Bagian 3

46 4 0
                                    

Tuhan menciptakan rasa takut pada manusia untuk melindungi mereka
Menciptakan sisi pertahanan yang membuat manusia tetap aman
Menyembunyikan mereka dari bahaya.

Namun, jika rasa takut itu memenjarakan, mengungkung, membungkusmu dengan ketat, membuatmu sulit bernafas, apa yang akan kau lakukan?

***

Dio keluar dari ruang guru. Dia baru saja mengantarkan tumpukan tugas sekelas pada pelajaran Bu Erna, guru Sainsnya. Tiba-tiba ponselnya berbunyi. Nomor tidak dikenal.
“Ya, ini siapa?”

“Oh, Dokter Yang”

Radit menautkan kedua alisnya mendengar Dio memanggilnya dengan nama itu, tapi dia tak ambil pusing, dia sudah terbiasa dipanggil dengan nama itu oleh Rani beberapa tahun ini.

“Dokter tahu dari mana nomorku? Ada perlu apa?”

“Aku mau minta bantuanmu, bisa?”

“Tergantung apa dulu”

“Berkaitan dengan Kakakmu”

“Oke, aku dengerin”

***

Dio duduk sendiri di sebuah kafe. Sudah setengah jam dia di situ, jus mangganya sudah habis. Saat ini Dio merasa penasaran tingkat dewa dengan apa yang akan disampaikan oleh dokter Yang mengenai kakaknya. Dia baru saja mengenal dokter Yang secara langsung, tiba-tiba orang ini mau membahas mengenai kakaknya dengan dirinya secara rahasia.

Kakaknya memang aneh. Dia tidak memiliki banyak teman, setahunya teman dekat kakaknya hanya kak Dian dan kak Desi. Dia juga tidak pernah dekat dengan satu pun lelaki, apalagi pacaran. Terus dia memakai gunting kuku sebagai bandul kalung, yang sangat tidak modis sama sekali. Kakak juga tidak pernah mau mencium tangan Ayah dan hanya bisa menyentuh satu laki-laki, yaitu dirinya. Hal aneh apalagi yang ada pada kakaknya selain itu semua?

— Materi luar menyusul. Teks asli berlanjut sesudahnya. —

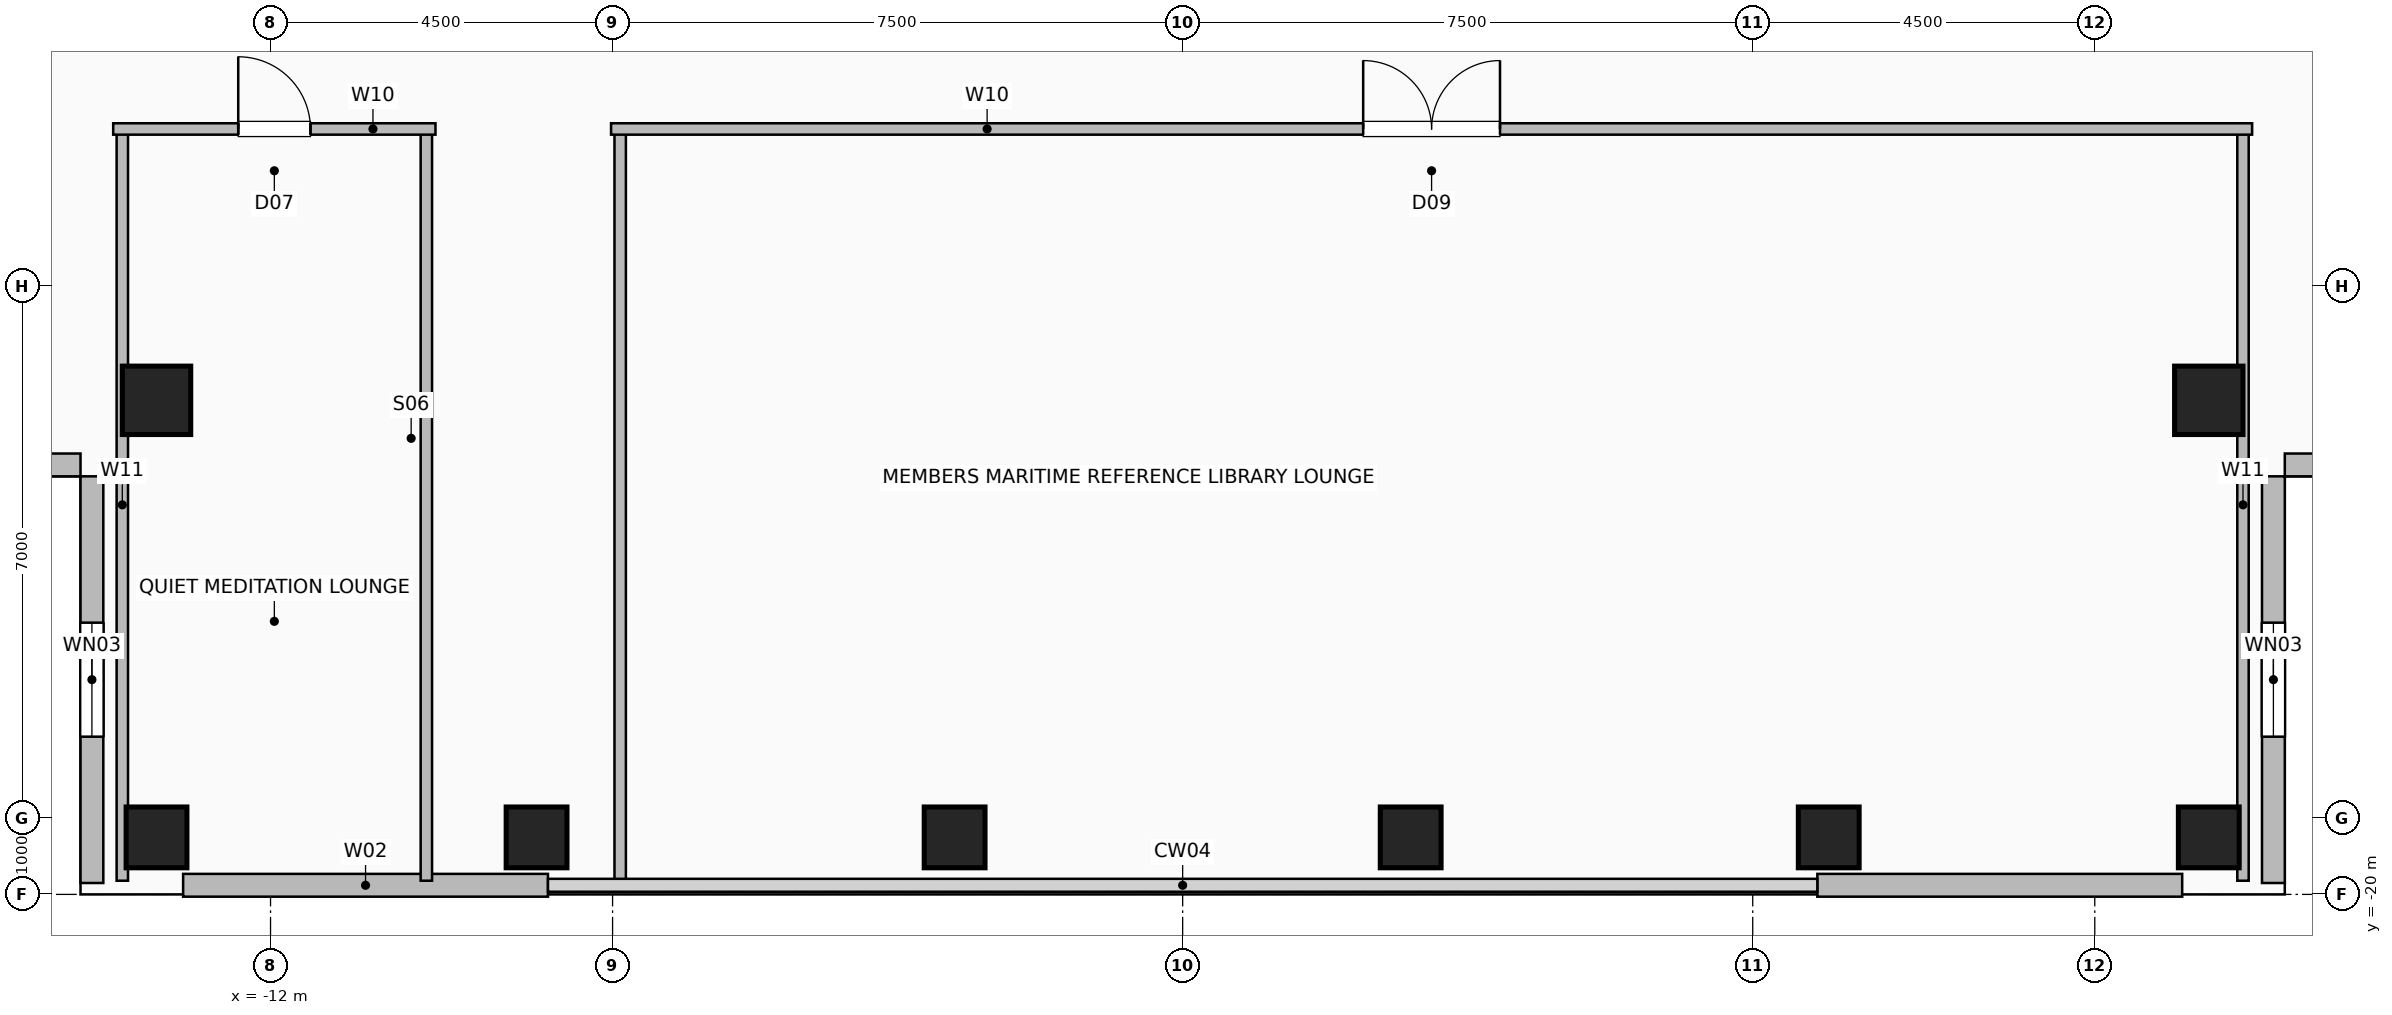
"""IFC4 building model, lengths in metres.
Left out: names, types, materials, properties, quantities, classifications, styles, units other than length and angle.
Written with IfcOpenShell. Run it as: python <this file> out.ifc"""

import sys

from ifc_helpers import new_model, si_unit, direction, frame, frame_2d, origin, origin_2d, place, context, subcontext, project, spatial, rectangle, hollow_rectangle, extrude, element, fill, save


model = new_model("IFC4")
c1 = context("Model", 3, precision=1e-05, world=origin(), true_north=direction((0.0, 1.0)))
c2 = subcontext(c1, "Body", "Model", "MODEL_VIEW")
j1 = project(units=[si_unit("LENGTHUNIT", "METRE"), si_unit("PLANEANGLEUNIT", "RADIAN")], contexts=[c1])
p1 = place(None, origin())
s1 = spatial("IfcSite", under=j1, at=p1, CompositionType="ELEMENT")
p2 = place(p1, origin())
s2 = spatial("IfcBuilding", under=s1, at=p2, CompositionType="ELEMENT")
p3 = place(p2, frame((0.0, 0.0, 202.2)))
s3 = spatial("IfcBuildingStorey", under=s2, at=p3, CompositionType="ELEMENT", Elevation=202.2)
for number, where, z_axis, x_axis in (
    (1, (-13.5, -19.25, 0.0), (0.0, 0.0, 1.0), (1.0, 0.0, 0.0)),
    (2, (-8.5, -19.25, 0.0), (0.0, 0.0, 1.0), (1.0, 0.0, 0.0)),
    (3, (-3.0, -19.25, 0.0), (0.0, 0.0, 1.0), (1.0, 0.0, 0.0)),
    (4, (3.0, -19.25, 0.0), (0.0, 0.0, 1.0), (1.0, 0.0, 0.0)),
    (5, (8.5, -19.25, 0.0), (0.0, 0.0, 1.0), (1.0, 0.0, 0.0)),
    (6, (13.5, -19.25, 0.0), (0.0, 0.0, 1.0), (1.0, 0.0, 0.0)),
):
    element("IfcColumn", number, at=place(p3, frame(where, z_axis=z_axis, x_axis=x_axis)), inside=s3, PredefinedType="COLUMN", context=c2, shape_type="SweptSolid", body=[
        extrude(hollow_rectangle(XDim=0.8, YDim=0.8, WallThickness=0.04, at=origin_2d()), origin(), (0.0, 0.0, 1.0), 3.6),
    ])
for number, where, z_axis, x_axis in (
    (7, (-13.5, -13.5, 0.0), (0.0, 0.0, 1.0), (1.0, 0.0, 0.0)),
    (8, (13.5, -13.5, 0.0), (0.0, 0.0, 1.0), (1.0, 0.0, 0.0)),
):
    element("IfcColumn", number, at=place(p3, frame(where, z_axis=z_axis, x_axis=x_axis)), inside=s3, PredefinedType="COLUMN", context=c2, shape_type="SweptSolid", body=[
        extrude(hollow_rectangle(XDim=0.9, YDim=0.9, WallThickness=0.045, at=origin_2d()), origin(), (0.0, 0.0, 1.0), 3.6),
    ])
for number, where, z_axis, x_axis in (
    (9, (-13.15, -19.88, 0.0), (0.0, 0.0, 1.0), (1.0, 0.0, 0.0)),
    (10, (8.35, -19.88, 0.0), (0.0, 0.0, 1.0), (1.0, 0.0, 0.0)),
):
    element("IfcWall", number, at=place(p3, frame(where, z_axis=z_axis, x_axis=x_axis)), inside=s3, PredefinedType="SOLIDWALL", context=c2, shape_type="SweptSolid", body=[
        extrude(rectangle(XDim=4.8, YDim=0.3, at=frame_2d((2.4, 0.0))), origin(), (0.0, 0.0, 1.0), 3.36),
    ])
p4 = place(p3, frame((-14.35, -19.85, 0.0), z_axis=(0.0, 0.0, 1.0), x_axis=(0.0, 1.0, 0.0)))
e11 = element("IfcWall", 11, at=p4, inside=s3, PredefinedType="SOLIDWALL", context=c2, shape_type="SweptSolid", body=[
    extrude(rectangle(XDim=5.35, YDim=0.3, at=frame_2d((2.675, 0.0))), origin(), (0.0, 0.0, 1.0), 3.36),
])
p5 = place(p4, frame((1.925, 0.0, 0.9)))
e12 = element("IfcOpeningElement", 12, at=p5, cuts=e11, PredefinedType="OPENING", context=c2, shape_type="SweptSolid", body=[
    extrude(rectangle(XDim=1.5, YDim=1.8, at=frame_2d((0.75, 0.9))), frame((0.0, 0.16, 0.0), z_axis=(0.0, -1.0, 0.0), x_axis=(1.0, 0.0, 0.0)), (0.0, 0.0, 1.0), 0.32),
])
p6 = place(p3, frame((-19.85, -14.35, 0.0), z_axis=(0.0, 0.0, 1.0), x_axis=(1.0, 0.0, 0.0)))
e13 = element("IfcWall", 13, at=p6, inside=s3, PredefinedType="SOLIDWALL", context=c2, shape_type="SweptSolid", body=[
    extrude(rectangle(XDim=5.35, YDim=0.3, at=frame_2d((2.675, 0.0))), origin(), (0.0, 0.0, 1.0), 3.36),
])
p7 = place(p3, frame((14.35, -19.85, 0.0), z_axis=(0.0, 0.0, 1.0), x_axis=(0.0, 1.0, 0.0)))
e14 = element("IfcWall", 14, at=p7, inside=s3, PredefinedType="SOLIDWALL", context=c2, shape_type="SweptSolid", body=[
    extrude(rectangle(XDim=5.35, YDim=0.3, at=frame_2d((2.675, 0.0))), origin(), (0.0, 0.0, 1.0), 3.36),
])
p8 = place(p7, frame((1.925, 0.0, 0.9)))
e15 = element("IfcOpeningElement", 15, at=p8, cuts=e14, PredefinedType="OPENING", context=c2, shape_type="SweptSolid", body=[
    extrude(rectangle(XDim=1.5, YDim=1.8, at=frame_2d((0.75, 0.9))), frame((0.0, 0.16, 0.0), z_axis=(0.0, -1.0, 0.0), x_axis=(1.0, 0.0, 0.0)), (0.0, 0.0, 1.0), 0.32),
])
p9 = place(p3, frame((19.85, -14.35, 0.0), z_axis=(0.0, 0.0, 1.0), x_axis=(-1.0, 0.0, 0.0)))
e16 = element("IfcWall", 16, at=p9, inside=s3, PredefinedType="SOLIDWALL", context=c2, shape_type="SweptSolid", body=[
    extrude(rectangle(XDim=5.35, YDim=0.3, at=frame_2d((2.675, 0.0))), origin(), (0.0, 0.0, 1.0), 3.36),
])
for number, where, z_axis, x_axis in (
    (17, (-13.95, -19.82, 0.0), (0.0, 0.0, 1.0), (0.0, 1.0, 0.0)),
    (18, (-9.95, -19.82, 0.0), (0.0, 0.0, 1.0), (0.0, 1.0, 0.0)),
):
    element("IfcWall", number, at=place(p3, frame(where, z_axis=z_axis, x_axis=x_axis)), inside=s3, PredefinedType="PARTITIONING", context=c2, shape_type="SweptSolid", body=[
        extrude(rectangle(XDim=9.89, YDim=0.15, at=frame_2d((4.945, 0.0))), origin(), (0.0, 0.0, 1.0), 3.36),
    ])
p10 = place(p3, frame((-14.07, -9.93, 0.0), z_axis=(0.0, 0.0, 1.0), x_axis=(1.0, 0.0, 0.0)))
e19 = element("IfcWall", 19, at=p10, inside=s3, PredefinedType="PARTITIONING", context=c2, shape_type="SweptSolid", body=[
    extrude(rectangle(XDim=4.24, YDim=0.15, at=frame_2d((2.12, 0.0))), origin(), (0.0, 0.0, 1.0), 3.36),
])
p11 = place(p10, frame((1.645, 0.0, 0.0)))
e20 = element("IfcOpeningElement", 20, at=p11, cuts=e19, PredefinedType="OPENING", context=c2, shape_type="SweptSolid", body=[
    extrude(rectangle(XDim=0.95, YDim=2.06, at=frame_2d((0.475, 1.03))), frame((0.0, 0.085, 0.0), z_axis=(0.0, -1.0, 0.0), x_axis=(1.0, 0.0, 0.0)), (0.0, 0.0, 1.0), 0.17),
])
for number, where, z_axis, x_axis in (
    (21, (-7.4, -19.82, 0.0), (0.0, 0.0, 1.0), (0.0, 1.0, 0.0)),
    (22, (13.95, -19.82, 0.0), (0.0, 0.0, 1.0), (0.0, 1.0, 0.0)),
):
    element("IfcWall", number, at=place(p3, frame(where, z_axis=z_axis, x_axis=x_axis)), inside=s3, PredefinedType="PARTITIONING", context=c2, shape_type="SweptSolid", body=[
        extrude(rectangle(XDim=9.89, YDim=0.15, at=frame_2d((4.945, 0.0))), origin(), (0.0, 0.0, 1.0), 3.36),
    ])
p12 = place(p3, frame((-7.52, -9.93, 0.0), z_axis=(0.0, 0.0, 1.0), x_axis=(1.0, 0.0, 0.0)))
e23 = element("IfcWall", 23, at=p12, inside=s3, PredefinedType="PARTITIONING", context=c2, shape_type="SweptSolid", body=[
    extrude(rectangle(XDim=21.59, YDim=0.15, at=frame_2d((10.795, 0.0))), origin(), (0.0, 0.0, 1.0), 3.36),
])
p13 = place(p12, frame((9.895, 0.0, 0.0)))
e24 = element("IfcOpeningElement", 24, at=p13, cuts=e23, PredefinedType="OPENING", context=c2, shape_type="SweptSolid", body=[
    extrude(rectangle(XDim=1.8, YDim=2.08, at=frame_2d((0.9, 1.04))), frame((0.0, 0.085, 0.0), z_axis=(0.0, -1.0, 0.0), x_axis=(1.0, 0.0, 0.0)), (0.0, 0.0, 1.0), 0.17),
])
p14 = place(p5, origin())
e25 = element("IfcWindow", 25, at=p14, inside=s3, PartitioningType="SINGLE_PANEL", PredefinedType="WINDOW", context=c2, shape_type="SweptSolid", body=[
    extrude(rectangle(XDim=1.5, YDim=1.8, at=frame_2d((0.75, 0.9))), frame((0.0, 0.03, 0.0), z_axis=(0.0, -1.0, 0.0), x_axis=(1.0, 0.0, 0.0)), (0.0, 0.0, 1.0), 0.06),
])
fill(e12, e25)
p15 = place(p8, origin())
e26 = element("IfcWindow", 26, at=p15, inside=s3, PartitioningType="SINGLE_PANEL", PredefinedType="WINDOW", context=c2, shape_type="SweptSolid", body=[
    extrude(rectangle(XDim=1.5, YDim=1.8, at=frame_2d((0.75, 0.9))), frame((0.0, 0.03, 0.0), z_axis=(0.0, -1.0, 0.0), x_axis=(1.0, 0.0, 0.0)), (0.0, 0.0, 1.0), 0.06),
])
fill(e15, e26)
p16 = place(p11, origin())
e27 = element("IfcDoor", 27, at=p16, inside=s3, OperationType="SINGLE_SWING_LEFT", PredefinedType="DOOR", context=c2, shape_type="SweptSolid", body=[
    extrude(rectangle(XDim=0.95, YDim=2.06, at=frame_2d((0.475, 1.03))), frame((0.0, 0.025, 0.0), z_axis=(0.0, -1.0, 0.0), x_axis=(1.0, 0.0, 0.0)), (0.0, 0.0, 1.0), 0.05),
])
fill(e20, e27)
p17 = place(p13, origin())
e28 = element("IfcDoor", 28, at=p17, inside=s3, OperationType="DOUBLE_DOOR_SINGLE_SWING", PredefinedType="DOOR", context=c2, shape_type="SweptSolid", body=[
    extrude(rectangle(XDim=1.8, YDim=2.08, at=frame_2d((0.9, 1.04))), frame((0.0, 0.025, 0.0), z_axis=(0.0, -1.0, 0.0), x_axis=(1.0, 0.0, 0.0)), (0.0, 0.0, 1.0), 0.05),
])
fill(e24, e28)
save(model, sys.argv[1])

“Hei” sebuah tepukan lembut di bahu membuyarkan lamunan Dio.
“Maaf membuatmu menunggu, tadi ada kejadian mendadak di Rumah sakit” kata Radit sambil duduk

“It’s oke” kata Dio.

“Aku pesenin jus lagi, ya?”

“Gapapa, ga usah, Dok”

“Yaudah, aku pesenin makanan aja ya”

Dio belum sempat protes, Radit sudah memanggil seorang pramusaji.

“Jadi, ada apa dengan Kak Rani?” tanya Dio.

“Sebetulnya, begini…” Radit memilih kata-kata. “Apa Rani pernah cerita bagaimana awalnya kami bertemu?” tanya Radit. Dio menggeleng.

“Kami bertemu di alun-alun kota beberapa tahun lalu. Saat itu dia histeris dan panik setelah seorang pria mendekati dan menanyakan keadaannya. Kebetulan aku berada di dekatnya dan menenangkannya, lalu membawanya ke rumah sakit”

“Histeris? Serangan panik? Kenapa bisa?” tanya Dio.

“Penyebabnya masih aku selidiki. Kau tahu apa pekerjaanku?” tanya Radit.

“Dokter?” jawab Dio, ragu.

“Tepatnya, aku psikiater”
Dio ber “Ah” panjang.

“Aku memintanya mengikuti terapi dan serangkaian tes, tapi dia selalu menolak. Aku tidak bisa memaksa seseorang untuk berobat jika memang orang itu tak ingin sembuh. Hanya saja sejak pertemuan kemarin aku agak mengkhawatirkannya”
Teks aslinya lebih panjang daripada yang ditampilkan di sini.